The outlook for continued revenue acceleration remains bright given we have not yet reached the steepest part of the technology S-curve with enterprise AI penetration still in early stages.
The outlook for US tech
Anthropic’s result is a vote of confidence to the broader AI ecosystem and so far, validates megacap tech spending on data centre infrastructure.
Since March 31st, the blended earnings growth rate for the US Information Technology sector increased to 50%1, led by companies in the semiconductor industry.
Abroad, Samsung, a leading memory chip manufacturer, reported an eightfold jump in quarterly profit, while Taiwan Semiconductor posted a 58% profit jump.
Beyond strong fundamentals, valuations are attractive with the ratio of Nasdaq 100’s forward price-to-earnings ratio to S&P 500’s at multi-year lows. A large part of the decline in this ratio has been driven by the Nasdaq 100’s superior earnings growth over recent years.

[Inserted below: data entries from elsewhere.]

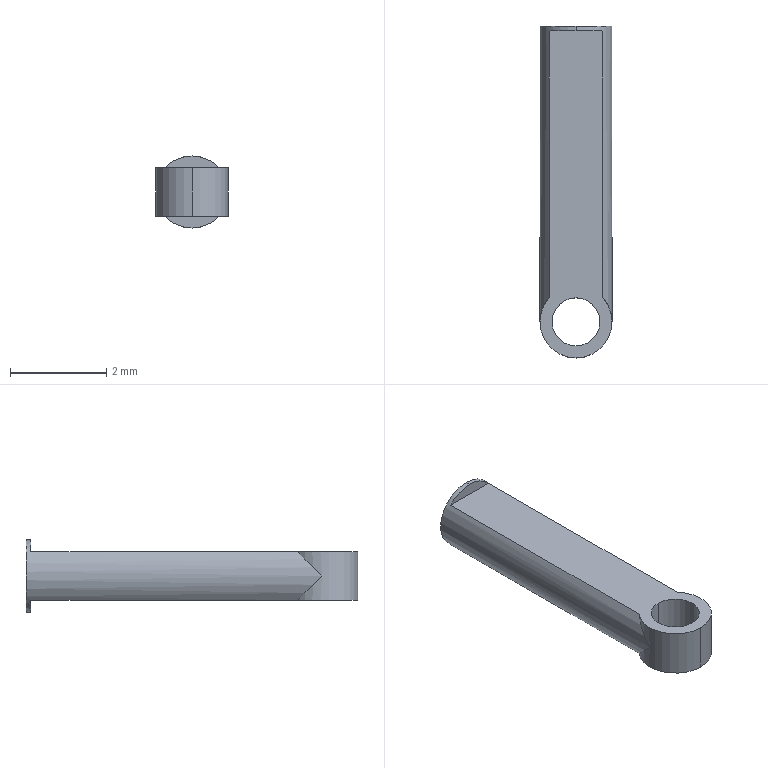Component | SolidWorks | ConnectingRodRockerArm-10 | 1 solid | 17 faces | box 1.5 x 6.9 x 1.5 mm | volume 6 mm3 | cylinder 10 | plane 7 | commonest cylinder face diameters 1.5 x4 1 x2 0.7 x2 0.8 x2
STEP:
#1=COLOUR_RGB('',0.7922,0.8196,0.9333);
#2=FILL_AREA_STYLE_COLOUR('',#1);
#3=FILL_AREA_STYLE('',(#2));
#4=SURFACE_STYLE_FILL_AREA(#3);
#5=SURFACE_SIDE_STYLE('',(#4));
#6=SURFACE_STYLE_USAGE(.BOTH.,#5);
#7=PRESENTATION_STYLE_ASSIGNMENT((#6));
#8=CARTESIAN_POINT('',(0.3877,0.1328,0.2657));
#9=VERTEX_POINT('',#8);
#10=CARTESIAN_POINT('',(0.3877,0.1328,0.3248));
#11=VERTEX_POINT('',#10);
#12=CARTESIAN_POINT('',(0.3877,0.1328,0.2953));
#13=DIRECTION('',(-0.,1.,-0.));
#14=DIRECTION('',(0.,0.,-1.));
#15=AXIS2_PLACEMENT_3D('',#12,#13,#14);
#16=CIRCLE('',#15,0.02953);
#17=EDGE_CURVE('',#9,#11,#16,.T.);
#18=ORIENTED_EDGE('',*,*,#17,.F.);
#19=CARTESIAN_POINT('',(0.3877,0.1289,0.2657));
#20=VERTEX_POINT('',#19);
#21=CARTESIAN_POINT('',(0.3877,0.1289,0.2657));
#22=DIRECTION('',(0.,-1.,0.));
#23=VECTOR('',#22,39.37);
#24=LINE('',#21,#23);
#25=EDGE_CURVE('',#9,#20,#24,.T.);
#26=ORIENTED_EDGE('',*,*,#25,.T.);
#27=CARTESIAN_POINT('',(0.3657,0.1289,0.2756));
#28=VERTEX_POINT('',#27);
#29=CARTESIAN_POINT('',(0.3877,0.1289,0.2953));
#30=DIRECTION('',(-0.,1.,-0.));
#31=DIRECTION('',(0.,0.,-1.));
#32=AXIS2_PLACEMENT_3D('',#29,#30,#31);
#33=CIRCLE('',#32,0.02953);
#34=EDGE_CURVE('',#20,#28,#33,.T.);
#35=ORIENTED_EDGE('',*,*,#34,.T.);
#36=CARTESIAN_POINT('',(0.3657,-0.08962,0.2756));
#37=VERTEX_POINT('',#36);
#38=CARTESIAN_POINT('',(0.3657,0.1289,0.2756));
#39=DIRECTION('',(-0.,1.,-0.));
#40=VECTOR('',#39,39.37);
#41=LINE('',#38,#40);
#42=EDGE_CURVE('',#37,#28,#41,.T.);
#43=ORIENTED_EDGE('',*,*,#42,.F.);
#44=CARTESIAN_POINT('',(0.3581,-0.1093,0.2953));
#45=VERTEX_POINT('',#44);
#46=CARTESIAN_POINT('',(0.3657,-0.08962,0.2756));
#47=CARTESIAN_POINT('',(0.3608,-0.09509,0.2811));
#48=CARTESIAN_POINT('',(0.3581,-0.102,0.2879));
#49=CARTESIAN_POINT('',(0.3581,-0.1093,0.2953));
#50=(BOUNDED_CURVE()B_SPLINE_CURVE(3,(#46,#47,#48,#49),.UNSPECIFIED.,.F.,.F.)B_SPLINE_CURVE_WITH_KNOTS((4,4),(0.8411,1.571),.UNSPECIFIED.)CURVE()GEOMETRIC_REPRESENTATION_ITEM()RATIONAL_B_SPLINE_CURVE((1.,0.9561,0.9561,1.))REPRESENTATION_ITEM(''));
#51=EDGE_CURVE('',#37,#45,#50,.T.);
#52=ORIENTED_EDGE('',*,*,#51,.T.);
#53=CARTESIAN_POINT('',(0.3657,-0.08962,0.315));
#54=VERTEX_POINT('',#53);
#55=CARTESIAN_POINT('',(0.3581,-0.1093,0.2953));
#56=CARTESIAN_POINT('',(0.3581,-0.102,0.3026));
#57=CARTESIAN_POINT('',(0.3608,-0.09509,0.3095));
#58=CARTESIAN_POINT('',(0.3657,-0.08962,0.315));
#59=(BOUNDED_CURVE()B_SPLINE_CURVE(3,(#55,#56,#57,#58),.UNSPECIFIED.,.F.,.T.)B_SPLINE_CURVE_WITH_KNOTS((4,4),(1.571,2.301),.UNSPECIFIED.)CURVE()GEOMETRIC_REPRESENTATION_ITEM()RATIONAL_B_SPLINE_CURVE((1.,0.9561,0.9561,1.))REPRESENTATION_ITEM(''));
#60=EDGE_CURVE('',#45,#54,#59,.T.);
#61=ORIENTED_EDGE('',*,*,#60,.T.);
#62=CARTESIAN_POINT('',(0.3657,0.1289,0.315));
#63=VERTEX_POINT('',#62);
#64=CARTESIAN_POINT('',(0.3657,0.1289,0.315));
#65=DIRECTION('',(0.,-1.,0.));
#66=VECTOR('',#65,39.37);
#67=LINE('',#64,#66);
#68=EDGE_CURVE('',#63,#54,#67,.T.);
#69=ORIENTED_EDGE('',*,*,#68,.F.);
#70=CARTESIAN_POINT('',(0.3877,0.1289,0.3248));
#71=VERTEX_POINT('',#70);
#72=CARTESIAN_POINT('',(0.3877,0.1289,0.2953));
#73=DIRECTION('',(-0.,1.,-0.));
#74=DIRECTION('',(0.,0.,-1.));
#75=AXIS2_PLACEMENT_3D('',#72,#73,#74);
#76=CIRCLE('',#75,0.02953);
#77=EDGE_CURVE('',#63,#71,#76,.T.);
#78=ORIENTED_EDGE('',*,*,#77,.T.);
#79=CARTESIAN_POINT('',(0.3877,0.1289,0.3248));
#80=DIRECTION('',(0.,-1.,0.));
#81=VECTOR('',#80,39.37);
#82=LINE('',#79,#81);
#83=EDGE_CURVE('',#11,#71,#82,.T.);
#84=ORIENTED_EDGE('',*,*,#83,.F.);
#85=EDGE_LOOP('',(#18,#26,#35,#43,#52,#61,#69,#78,#84));
#86=FACE_OUTER_BOUND('',#85,.T.);
#87=CARTESIAN_POINT('',(0.3877,0.1289,0.2953));
#88=DIRECTION('',(0.,-1.,0.));
#89=DIRECTION('',(0.,0.,1.));
#90=AXIS2_PLACEMENT_3D('',#87,#88,#89);
#91=CYLINDRICAL_SURFACE('',#90,0.02953);
#92=ADVANCED_FACE('',(#86),#91,.T.);
#93=CARTESIAN_POINT('',(0.3877,-0.129,0.2756));
#94=VERTEX_POINT('',#93);
#95=CARTESIAN_POINT('',(0.3877,-0.08962,0.2756));
#96=VERTEX_POINT('',#95);
#97=CARTESIAN_POINT('',(0.3877,-0.1093,0.2756));
#98=DIRECTION('',(-0.,-0.,1.));
#99=DIRECTION('',(0.,1.,0.));
#100=AXIS2_PLACEMENT_3D('',#97,#98,#99);
#101=CIRCLE('',#100,0.01969);
#102=EDGE_CURVE('',#94,#96,#101,.T.);
#103=ORIENTED_EDGE('',*,*,#102,.F.);
#104=CARTESIAN_POINT('',(0.3877,-0.129,0.315));
#105=VERTEX_POINT('',#104);
#106=CARTESIAN_POINT('',(0.3877,-0.129,0.2756));
#107=DIRECTION('',(-0.,-0.,1.));
#108=VECTOR('',#107,39.37);
#109=LINE('',#106,#108);
#110=EDGE_CURVE('',#94,#105,#109,.T.);
#111=ORIENTED_EDGE('',*,*,#110,.T.);
#112=CARTESIAN_POINT('',(0.3877,-0.08962,0.315));
#113=VERTEX_POINT('',#112);
#114=CARTESIAN_POINT('',(0.3877,-0.1093,0.315));
#115=DIRECTION('',(-0.,-0.,1.));
#116=DIRECTION('',(0.,1.,0.));
#117=AXIS2_PLACEMENT_3D('',#114,#115,#116);
#118=CIRCLE('',#117,0.01969);
#119=EDGE_CURVE('',#105,#113,#118,.T.);
#120=ORIENTED_EDGE('',*,*,#119,.T.);
#121=CARTESIAN_POINT('',(0.3877,-0.08962,0.2756));
#122=DIRECTION('',(-0.,-0.,1.));
#123=VECTOR('',#122,39.37);
#124=LINE('',#121,#123);
#125=EDGE_CURVE('',#96,#113,#124,.T.);
#126=ORIENTED_EDGE('',*,*,#125,.F.);
#127=EDGE_LOOP('',(#103,#111,#120,#126));
#128=FACE_OUTER_BOUND('',#127,.T.);
#129=CARTESIAN_POINT('',(0.3877,-0.1093,0.2756));
#130=DIRECTION('',(-0.,-0.,1.));
#131=DIRECTION('',(0.,1.,0.));
#132=AXIS2_PLACEMENT_3D('',#129,#130,#131);
#133=CYLINDRICAL_SURFACE('',#132,0.01969);
#134=ADVANCED_FACE('',(#128),#133,.F.);
#135=CARTESIAN_POINT('',(0.3877,-0.1388,0.315));
#136=VERTEX_POINT('',#135);
#137=CARTESIAN_POINT('',(0.4097,-0.08962,0.315));
#138=VERTEX_POINT('',#137);
#139=CARTESIAN_POINT('',(0.3877,-0.1093,0.315));
#140=DIRECTION('',(-0.,-0.,1.));
#141=DIRECTION('',(0.,1.,0.));
#142=AXIS2_PLACEMENT_3D('',#139,#140,#141);
#143=CIRCLE('',#142,0.02953);
#144=EDGE_CURVE('',#136,#138,#143,.T.);
#145=ORIENTED_EDGE('',*,*,#144,.F.);
#146=CARTESIAN_POINT('',(0.3877,-0.1388,0.2756));
#147=VERTEX_POINT('',#146);
#148=CARTESIAN_POINT('',(0.3877,-0.1388,0.315));
#149=DIRECTION('',(0.,0.,-1.));
#150=VECTOR('',#149,39.37);
#151=LINE('',#148,#150);
#152=EDGE_CURVE('',#136,#147,#151,.T.);
#153=ORIENTED_EDGE('',*,*,#152,.T.);
#154=CARTESIAN_POINT('',(0.4097,-0.08962,0.2756));
#155=VERTEX_POINT('',#154);
#156=CARTESIAN_POINT('',(0.3877,-0.1093,0.2756));
#157=DIRECTION('',(-0.,-0.,1.));
#158=DIRECTION('',(0.,1.,0.));
#159=AXIS2_PLACEMENT_3D('',#156,#157,#158);
#160=CIRCLE('',#159,0.02953);
#161=EDGE_CURVE('',#147,#155,#160,.T.);
#162=ORIENTED_EDGE('',*,*,#161,.T.);
#163=CARTESIAN_POINT('',(0.4172,-0.1093,0.2953));
#164=VERTEX_POINT('',#163);
#165=CARTESIAN_POINT('',(0.4172,-0.1093,0.2953));
#166=CARTESIAN_POINT('',(0.4172,-0.102,0.2879));
#167=CARTESIAN_POINT('',(0.4146,-0.09509,0.2811));
#168=CARTESIAN_POINT('',(0.4097,-0.08962,0.2756));
#169=(BOUNDED_CURVE()B_SPLINE_CURVE(3,(#165,#166,#167,#168),.UNSPECIFIED.,.F.,.T.)B_SPLINE_CURVE_WITH_KNOTS((4,4),(4.712,5.442),.UNSPECIFIED.)CURVE()GEOMETRIC_REPRESENTATION_ITEM()RATIONAL_B_SPLINE_CURVE((1.,0.9561,0.9561,1.))REPRESENTATION_ITEM(''));
#170=EDGE_CURVE('',#164,#155,#169,.T.);
#171=ORIENTED_EDGE('',*,*,#170,.F.);
#172=CARTESIAN_POINT('',(0.4097,-0.08962,0.315));
#173=CARTESIAN_POINT('',(0.4146,-0.09509,0.3095));
#174=CARTESIAN_POINT('',(0.4172,-0.102,0.3026));
#175=CARTESIAN_POINT('',(0.4172,-0.1093,0.2953));
#176=(BOUNDED_CURVE()B_SPLINE_CURVE(3,(#172,#173,#174,#175),.UNSPECIFIED.,.F.,.F.)B_SPLINE_CURVE_WITH_KNOTS((4,4),(3.983,4.712),.UNSPECIFIED.)CURVE()GEOMETRIC_REPRESENTATION_ITEM()RATIONAL_B_SPLINE_CURVE((1.,0.9561,0.9561,1.))REPRESENTATION_ITEM(''));
#177=EDGE_CURVE('',#138,#164,#176,.T.);
#178=ORIENTED_EDGE('',*,*,#177,.F.);
#179=EDGE_LOOP('',(#145,#153,#162,#171,#178));
#180=FACE_OUTER_BOUND('',#179,.T.);
#181=CARTESIAN_POINT('',(0.3877,-0.1093,0.315));
#182=DIRECTION('',(0.,0.,-1.));
#183=DIRECTION('',(0.,-1.,0.));
#184=AXIS2_PLACEMENT_3D('',#181,#182,#183);
#185=CYLINDRICAL_SURFACE('',#184,0.02953);
#186=ADVANCED_FACE('',(#180),#185,.T.);
#187=CARTESIAN_POINT('',(0.3877,0.1328,0.3091));
#188=VERTEX_POINT('',#187);
#189=CARTESIAN_POINT('',(0.3877,0.1328,0.2815));
#190=VERTEX_POINT('',#189);
#191=CARTESIAN_POINT('',(0.3877,0.1328,0.2953));
#192=DIRECTION('',(-0.,1.,-0.));
#193=DIRECTION('',(0.,0.,-1.));
#194=AXIS2_PLACEMENT_3D('',#191,#192,#193);
#195=CIRCLE('',#194,0.01378);
#196=EDGE_CURVE('',#188,#190,#195,.T.);
#197=ORIENTED_EDGE('',*,*,#196,.T.);
#198=CARTESIAN_POINT('',(0.3877,0.1289,0.2815));
#199=VERTEX_POINT('',#198);
#200=CARTESIAN_POINT('',(0.3877,0.1328,0.2815));
#201=DIRECTION('',(0.,-1.,0.));
#202=VECTOR('',#201,39.37);
#203=LINE('',#200,#202);
#204=EDGE_CURVE('',#190,#199,#203,.T.);
#205=ORIENTED_EDGE('',*,*,#204,.T.);
#206=CARTESIAN_POINT('',(0.3877,0.1289,0.3091));
#207=VERTEX_POINT('',#206);
#208=CARTESIAN_POINT('',(0.3877,0.1289,0.2953));
#209=DIRECTION('',(-0.,1.,-0.));
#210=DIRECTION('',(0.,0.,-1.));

Source: Bloomberg. As at 5 May 2026.
Additionally, the Nasdaq’s new fast entry rule would also allow massive IPOs, such as potential listings from Anthropic, OpenAI, and SpaceX, to join the index just 15 trading days after listing.
Looking forward, investors will remain attentive to how unit economics evolve, particularly for AI research labs like Anthropic given the scale of infrastructure investment required. That said, this is a positive development for leading hardware providers such as Google and Broadcom they are building the latest generation TPU chips, set to provide Anthropic around 3.5 gigawatts of compute capacity starting in 2027.
With the Nasdaq 100 trading at fairer valuations, and evidence of AI monetisation already before us, investors may find an attractive opportunity in tech now.